An underwater drone can measure ocean acidification

An underwater drone can measure carbon dioxide levels in the ocean and combat ocean acidification, monitoring global warming

In Alaska’s Resurrection Bay, a five-foot, bright pink underwater drone has surfaced to aid scientists in measuring carbon dioxide levels in the ocean.

Collecting a vast amount of data to study ocean acidification – which can harm and kill certain marine life – researchers aim to combat the rising acidity of the oceans which can affect some marine organisms that build shells.

“We can … understand much more about what’s going on in the ocean than we have been before.”

Designed to dive 3,281 feet (1,000 metres) and roam remote parts of the ocean, the autonomous vehicle has been deployed in the Gulf of Alaska to develop a deeper understanding of the ocean’s chemistry following numerous changes due to climate change.

The research could be a major step forward in ocean greenhouse gas monitoring, because until now, measuring CO2 concentrations, a quantifier of ocean acidification, was mostly done from ships, buoys and moorings tethered to the ocean floor – which can also be heavily polluting to the ocean.

Conducted by Cyprus Subsea Consulting and Services and 4H-Jena, who provided the underwater glider, researchers at the University of Alaska Fairbanks set out to use the device to change climate change data.

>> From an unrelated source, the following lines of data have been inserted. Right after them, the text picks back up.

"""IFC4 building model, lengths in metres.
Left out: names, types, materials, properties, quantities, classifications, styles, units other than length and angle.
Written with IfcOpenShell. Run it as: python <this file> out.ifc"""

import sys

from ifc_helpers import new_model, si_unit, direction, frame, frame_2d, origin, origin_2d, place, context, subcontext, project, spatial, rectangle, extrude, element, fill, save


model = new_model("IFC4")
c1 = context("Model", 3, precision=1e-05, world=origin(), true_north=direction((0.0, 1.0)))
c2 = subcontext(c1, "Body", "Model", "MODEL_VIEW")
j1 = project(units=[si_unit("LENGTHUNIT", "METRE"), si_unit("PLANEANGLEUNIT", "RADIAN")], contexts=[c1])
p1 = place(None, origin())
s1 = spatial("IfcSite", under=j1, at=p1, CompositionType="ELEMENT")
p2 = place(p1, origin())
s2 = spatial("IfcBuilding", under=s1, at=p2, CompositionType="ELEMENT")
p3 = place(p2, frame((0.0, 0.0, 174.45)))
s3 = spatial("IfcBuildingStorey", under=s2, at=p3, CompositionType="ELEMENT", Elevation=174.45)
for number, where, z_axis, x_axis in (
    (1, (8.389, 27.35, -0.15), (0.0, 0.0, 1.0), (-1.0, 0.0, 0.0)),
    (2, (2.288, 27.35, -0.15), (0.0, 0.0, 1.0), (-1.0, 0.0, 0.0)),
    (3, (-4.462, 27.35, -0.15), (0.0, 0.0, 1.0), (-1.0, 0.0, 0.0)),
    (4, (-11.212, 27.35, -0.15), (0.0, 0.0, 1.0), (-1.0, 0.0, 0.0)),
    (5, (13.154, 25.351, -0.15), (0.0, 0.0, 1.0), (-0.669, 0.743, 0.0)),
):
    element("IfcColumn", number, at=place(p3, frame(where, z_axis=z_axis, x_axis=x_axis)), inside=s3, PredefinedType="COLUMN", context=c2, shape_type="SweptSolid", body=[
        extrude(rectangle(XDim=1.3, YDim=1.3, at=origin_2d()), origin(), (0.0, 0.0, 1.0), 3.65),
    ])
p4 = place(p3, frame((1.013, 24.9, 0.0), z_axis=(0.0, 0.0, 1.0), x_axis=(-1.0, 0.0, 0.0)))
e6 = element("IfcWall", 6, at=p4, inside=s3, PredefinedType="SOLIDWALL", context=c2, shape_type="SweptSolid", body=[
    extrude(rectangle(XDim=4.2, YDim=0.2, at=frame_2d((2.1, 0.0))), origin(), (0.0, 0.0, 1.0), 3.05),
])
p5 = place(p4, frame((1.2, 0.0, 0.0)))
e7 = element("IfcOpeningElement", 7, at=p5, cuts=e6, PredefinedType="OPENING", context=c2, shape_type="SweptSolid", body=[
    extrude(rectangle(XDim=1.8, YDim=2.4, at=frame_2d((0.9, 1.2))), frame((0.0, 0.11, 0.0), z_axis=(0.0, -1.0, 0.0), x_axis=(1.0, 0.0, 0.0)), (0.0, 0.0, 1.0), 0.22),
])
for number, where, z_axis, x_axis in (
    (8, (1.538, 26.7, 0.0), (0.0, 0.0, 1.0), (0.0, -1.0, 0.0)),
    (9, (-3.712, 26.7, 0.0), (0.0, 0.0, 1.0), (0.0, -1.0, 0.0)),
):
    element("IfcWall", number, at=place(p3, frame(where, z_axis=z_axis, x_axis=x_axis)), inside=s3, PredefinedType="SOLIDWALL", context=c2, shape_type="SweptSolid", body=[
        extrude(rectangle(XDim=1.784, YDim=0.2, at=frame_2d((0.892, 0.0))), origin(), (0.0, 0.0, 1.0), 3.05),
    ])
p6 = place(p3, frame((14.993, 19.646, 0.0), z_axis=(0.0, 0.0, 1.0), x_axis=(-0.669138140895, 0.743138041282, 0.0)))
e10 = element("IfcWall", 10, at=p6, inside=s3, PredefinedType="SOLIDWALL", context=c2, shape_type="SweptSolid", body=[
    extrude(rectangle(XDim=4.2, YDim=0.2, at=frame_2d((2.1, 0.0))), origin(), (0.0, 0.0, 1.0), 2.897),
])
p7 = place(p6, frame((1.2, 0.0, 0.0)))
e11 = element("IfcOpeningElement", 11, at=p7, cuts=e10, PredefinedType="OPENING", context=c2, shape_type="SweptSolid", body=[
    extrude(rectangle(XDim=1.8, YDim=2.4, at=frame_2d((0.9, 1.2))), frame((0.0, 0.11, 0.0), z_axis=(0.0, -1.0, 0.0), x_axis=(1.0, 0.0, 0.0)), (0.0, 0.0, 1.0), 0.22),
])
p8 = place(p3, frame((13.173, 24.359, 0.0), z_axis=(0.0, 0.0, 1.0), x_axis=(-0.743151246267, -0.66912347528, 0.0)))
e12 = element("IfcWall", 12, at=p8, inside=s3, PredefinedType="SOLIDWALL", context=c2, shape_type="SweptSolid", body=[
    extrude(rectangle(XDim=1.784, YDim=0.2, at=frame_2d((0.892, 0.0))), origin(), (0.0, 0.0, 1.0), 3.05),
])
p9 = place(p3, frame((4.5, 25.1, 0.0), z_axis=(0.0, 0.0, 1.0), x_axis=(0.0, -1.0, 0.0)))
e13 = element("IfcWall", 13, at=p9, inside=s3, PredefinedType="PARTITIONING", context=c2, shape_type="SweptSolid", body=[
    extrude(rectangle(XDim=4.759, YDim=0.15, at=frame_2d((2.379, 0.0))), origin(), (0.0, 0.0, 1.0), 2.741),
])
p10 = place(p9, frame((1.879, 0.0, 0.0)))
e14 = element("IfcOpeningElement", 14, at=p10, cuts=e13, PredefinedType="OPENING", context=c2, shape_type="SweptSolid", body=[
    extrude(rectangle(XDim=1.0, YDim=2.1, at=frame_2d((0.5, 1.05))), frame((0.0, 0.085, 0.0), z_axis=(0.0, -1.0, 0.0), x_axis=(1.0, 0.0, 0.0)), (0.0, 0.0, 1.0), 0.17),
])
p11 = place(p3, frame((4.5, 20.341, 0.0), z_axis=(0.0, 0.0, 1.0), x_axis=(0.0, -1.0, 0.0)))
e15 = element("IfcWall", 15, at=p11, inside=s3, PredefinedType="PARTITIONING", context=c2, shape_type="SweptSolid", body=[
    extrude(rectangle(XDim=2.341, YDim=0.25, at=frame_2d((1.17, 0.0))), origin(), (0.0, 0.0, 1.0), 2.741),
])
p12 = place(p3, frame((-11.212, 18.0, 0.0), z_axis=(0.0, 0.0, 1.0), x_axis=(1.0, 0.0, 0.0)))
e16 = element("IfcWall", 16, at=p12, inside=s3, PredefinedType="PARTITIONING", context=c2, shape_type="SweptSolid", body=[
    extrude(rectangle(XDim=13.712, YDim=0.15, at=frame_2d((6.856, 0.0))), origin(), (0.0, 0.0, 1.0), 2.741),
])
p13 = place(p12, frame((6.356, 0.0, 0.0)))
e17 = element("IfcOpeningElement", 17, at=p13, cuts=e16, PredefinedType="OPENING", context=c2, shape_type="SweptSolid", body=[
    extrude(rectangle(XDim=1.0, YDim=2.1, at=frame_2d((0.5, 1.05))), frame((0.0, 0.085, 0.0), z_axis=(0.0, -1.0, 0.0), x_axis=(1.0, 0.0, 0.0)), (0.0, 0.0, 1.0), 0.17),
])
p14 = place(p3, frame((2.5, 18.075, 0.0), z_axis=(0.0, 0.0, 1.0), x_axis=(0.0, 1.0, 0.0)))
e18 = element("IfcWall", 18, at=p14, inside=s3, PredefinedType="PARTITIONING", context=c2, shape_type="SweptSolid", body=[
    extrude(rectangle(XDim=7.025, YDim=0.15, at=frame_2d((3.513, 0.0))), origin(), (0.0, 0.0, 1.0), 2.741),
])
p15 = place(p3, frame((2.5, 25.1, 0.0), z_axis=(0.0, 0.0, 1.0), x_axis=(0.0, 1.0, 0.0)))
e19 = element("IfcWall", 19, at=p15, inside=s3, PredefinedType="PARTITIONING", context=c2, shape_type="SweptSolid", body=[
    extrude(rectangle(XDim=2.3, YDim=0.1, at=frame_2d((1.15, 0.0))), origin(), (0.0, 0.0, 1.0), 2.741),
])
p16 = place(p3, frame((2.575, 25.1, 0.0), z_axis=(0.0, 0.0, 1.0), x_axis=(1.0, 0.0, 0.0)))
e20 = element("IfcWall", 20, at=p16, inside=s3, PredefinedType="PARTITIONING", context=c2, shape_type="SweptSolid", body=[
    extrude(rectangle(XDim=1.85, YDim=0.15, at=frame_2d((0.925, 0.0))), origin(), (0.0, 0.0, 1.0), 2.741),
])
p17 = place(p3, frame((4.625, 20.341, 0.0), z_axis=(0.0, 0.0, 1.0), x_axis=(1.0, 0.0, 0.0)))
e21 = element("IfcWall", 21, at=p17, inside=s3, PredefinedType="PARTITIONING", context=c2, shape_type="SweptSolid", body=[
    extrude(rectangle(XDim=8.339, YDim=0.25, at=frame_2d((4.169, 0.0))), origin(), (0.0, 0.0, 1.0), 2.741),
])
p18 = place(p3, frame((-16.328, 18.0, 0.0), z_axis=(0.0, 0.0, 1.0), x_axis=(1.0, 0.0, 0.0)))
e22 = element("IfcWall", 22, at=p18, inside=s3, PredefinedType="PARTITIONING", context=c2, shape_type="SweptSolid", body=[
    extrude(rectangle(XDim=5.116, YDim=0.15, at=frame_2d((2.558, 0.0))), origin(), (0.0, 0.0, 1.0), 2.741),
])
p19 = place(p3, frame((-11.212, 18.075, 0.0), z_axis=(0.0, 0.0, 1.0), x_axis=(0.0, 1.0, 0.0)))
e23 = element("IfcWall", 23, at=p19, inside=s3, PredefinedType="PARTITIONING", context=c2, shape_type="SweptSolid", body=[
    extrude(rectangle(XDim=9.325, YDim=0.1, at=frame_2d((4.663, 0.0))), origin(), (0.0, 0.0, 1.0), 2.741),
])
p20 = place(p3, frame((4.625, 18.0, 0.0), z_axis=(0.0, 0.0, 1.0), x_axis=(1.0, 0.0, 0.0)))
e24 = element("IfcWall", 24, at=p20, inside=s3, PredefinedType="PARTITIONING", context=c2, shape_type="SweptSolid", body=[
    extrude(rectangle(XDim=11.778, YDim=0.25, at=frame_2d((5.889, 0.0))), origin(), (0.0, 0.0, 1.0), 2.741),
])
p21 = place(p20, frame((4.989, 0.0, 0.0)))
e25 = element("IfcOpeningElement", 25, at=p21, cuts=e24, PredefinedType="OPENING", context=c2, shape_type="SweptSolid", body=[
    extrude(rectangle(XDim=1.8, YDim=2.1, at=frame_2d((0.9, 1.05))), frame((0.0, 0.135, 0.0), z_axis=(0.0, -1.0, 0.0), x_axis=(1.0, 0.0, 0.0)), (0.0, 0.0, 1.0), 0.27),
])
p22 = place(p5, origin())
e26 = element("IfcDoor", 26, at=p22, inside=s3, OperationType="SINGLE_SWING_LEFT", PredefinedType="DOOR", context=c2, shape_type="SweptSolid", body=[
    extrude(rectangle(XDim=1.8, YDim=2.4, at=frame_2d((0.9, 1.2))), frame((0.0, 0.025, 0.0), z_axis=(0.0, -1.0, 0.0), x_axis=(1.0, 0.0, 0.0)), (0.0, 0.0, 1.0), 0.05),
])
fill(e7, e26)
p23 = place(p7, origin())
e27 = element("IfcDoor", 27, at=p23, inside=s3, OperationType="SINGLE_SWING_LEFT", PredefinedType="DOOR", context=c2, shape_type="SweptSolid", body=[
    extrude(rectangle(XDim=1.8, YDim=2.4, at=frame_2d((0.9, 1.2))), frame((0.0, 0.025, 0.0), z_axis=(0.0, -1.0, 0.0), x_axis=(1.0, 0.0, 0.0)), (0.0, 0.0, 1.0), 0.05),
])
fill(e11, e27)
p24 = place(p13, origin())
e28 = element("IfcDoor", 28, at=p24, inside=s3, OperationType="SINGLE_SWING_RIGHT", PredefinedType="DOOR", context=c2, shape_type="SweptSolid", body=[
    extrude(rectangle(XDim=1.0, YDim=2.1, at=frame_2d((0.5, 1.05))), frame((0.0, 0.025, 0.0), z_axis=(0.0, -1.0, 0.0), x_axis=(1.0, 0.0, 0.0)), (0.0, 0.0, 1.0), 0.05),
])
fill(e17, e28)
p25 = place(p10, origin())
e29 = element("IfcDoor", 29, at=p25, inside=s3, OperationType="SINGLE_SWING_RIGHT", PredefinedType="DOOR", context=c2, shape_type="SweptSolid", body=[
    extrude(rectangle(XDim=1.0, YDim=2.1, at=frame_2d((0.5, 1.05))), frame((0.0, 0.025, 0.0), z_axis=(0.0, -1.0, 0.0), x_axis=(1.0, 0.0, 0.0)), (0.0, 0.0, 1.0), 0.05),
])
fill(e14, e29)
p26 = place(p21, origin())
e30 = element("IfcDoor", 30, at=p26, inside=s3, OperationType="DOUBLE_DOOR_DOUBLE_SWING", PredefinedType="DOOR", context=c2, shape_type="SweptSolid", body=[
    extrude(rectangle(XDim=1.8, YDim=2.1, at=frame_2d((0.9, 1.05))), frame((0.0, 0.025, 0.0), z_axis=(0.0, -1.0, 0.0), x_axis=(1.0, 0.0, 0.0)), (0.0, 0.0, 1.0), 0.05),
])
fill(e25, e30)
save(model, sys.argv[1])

Oceans take in a vast amount of our carbon emissions

Pulling the 130-pound (59-kilogram) glider onto the ship, the researchers took its sensor out from the drone and rushed into the ship’s cabin to upload its data. Then, this 0.30-meter sensor with a diameter of 6 inches (15.24 centimetres) analyses CO2 and logs and stores the data inside a temperature-controlled system using battery power.

The challenge the researchers had was to make the measurements on a glider with the same degree of accuracy and precision as tests onboard ships.

Though there are no GPS unit inside the underwater autonomous drone, after being programmed, the underwater drone heads out on its own to cruise the ocean according to the navigation directions, knowing how far to go down in the water column, when to sample, and when to surface and send a locator signal so it can be retrieved.

The sensor is the same as found on any ship or lab working with CO2 measurements

Claudine Hauri, an oceanographer with the International Arctic Research Center at the university, said: “But the problem is now that the ocean is changing its chemistry because of this uptake. Using this was a huge step to be able to accommodate such a big and power hungry sensor, so that’s special about this project.”

Feely said: “We need to get confidence in our measurements and confidence in our models if we are going to make important scientific statements about how the oceans are changing over time and how it’s going to impact our important economic systems that are dependent on the food from the sea.”

Nicolai von Oppeln-Bronikowski, the Glider Program Manager with the Ocean Frontier Institute at Memorial University of Newfoundland, commented: “The tests showed that the glider sensor worked in a remote-harsh environment but needed more development.”

Hauri said the two teams are “just using two different types of sensors to solve the same issue, and it’s always good to have two different options.”

Retrieving carbon and pH samples to find data on the ocean’s chemical makeup

While conducting the underwater drone tests, the U.S. research vessel Sikuliaq, owned by the National Science Foundation and operated by the university, conducted its own two-week mission in the gulf to take carbon and pH samples as part of ongoing work each spring, summer and autumn season.

Then, those methods collect samples from a fixed point while the glider roams all over the ocean and provide researchers with a wealth of data on the ocean’s chemical makeup.

The vision is to one day have a fleet of robotic gliders operating in oceans across the globe, providing a real-time glimpse of current conditions and a way to better predict the future.

McDonnell said: “We can … understand much more about what’s going on in the ocean than we have been before.”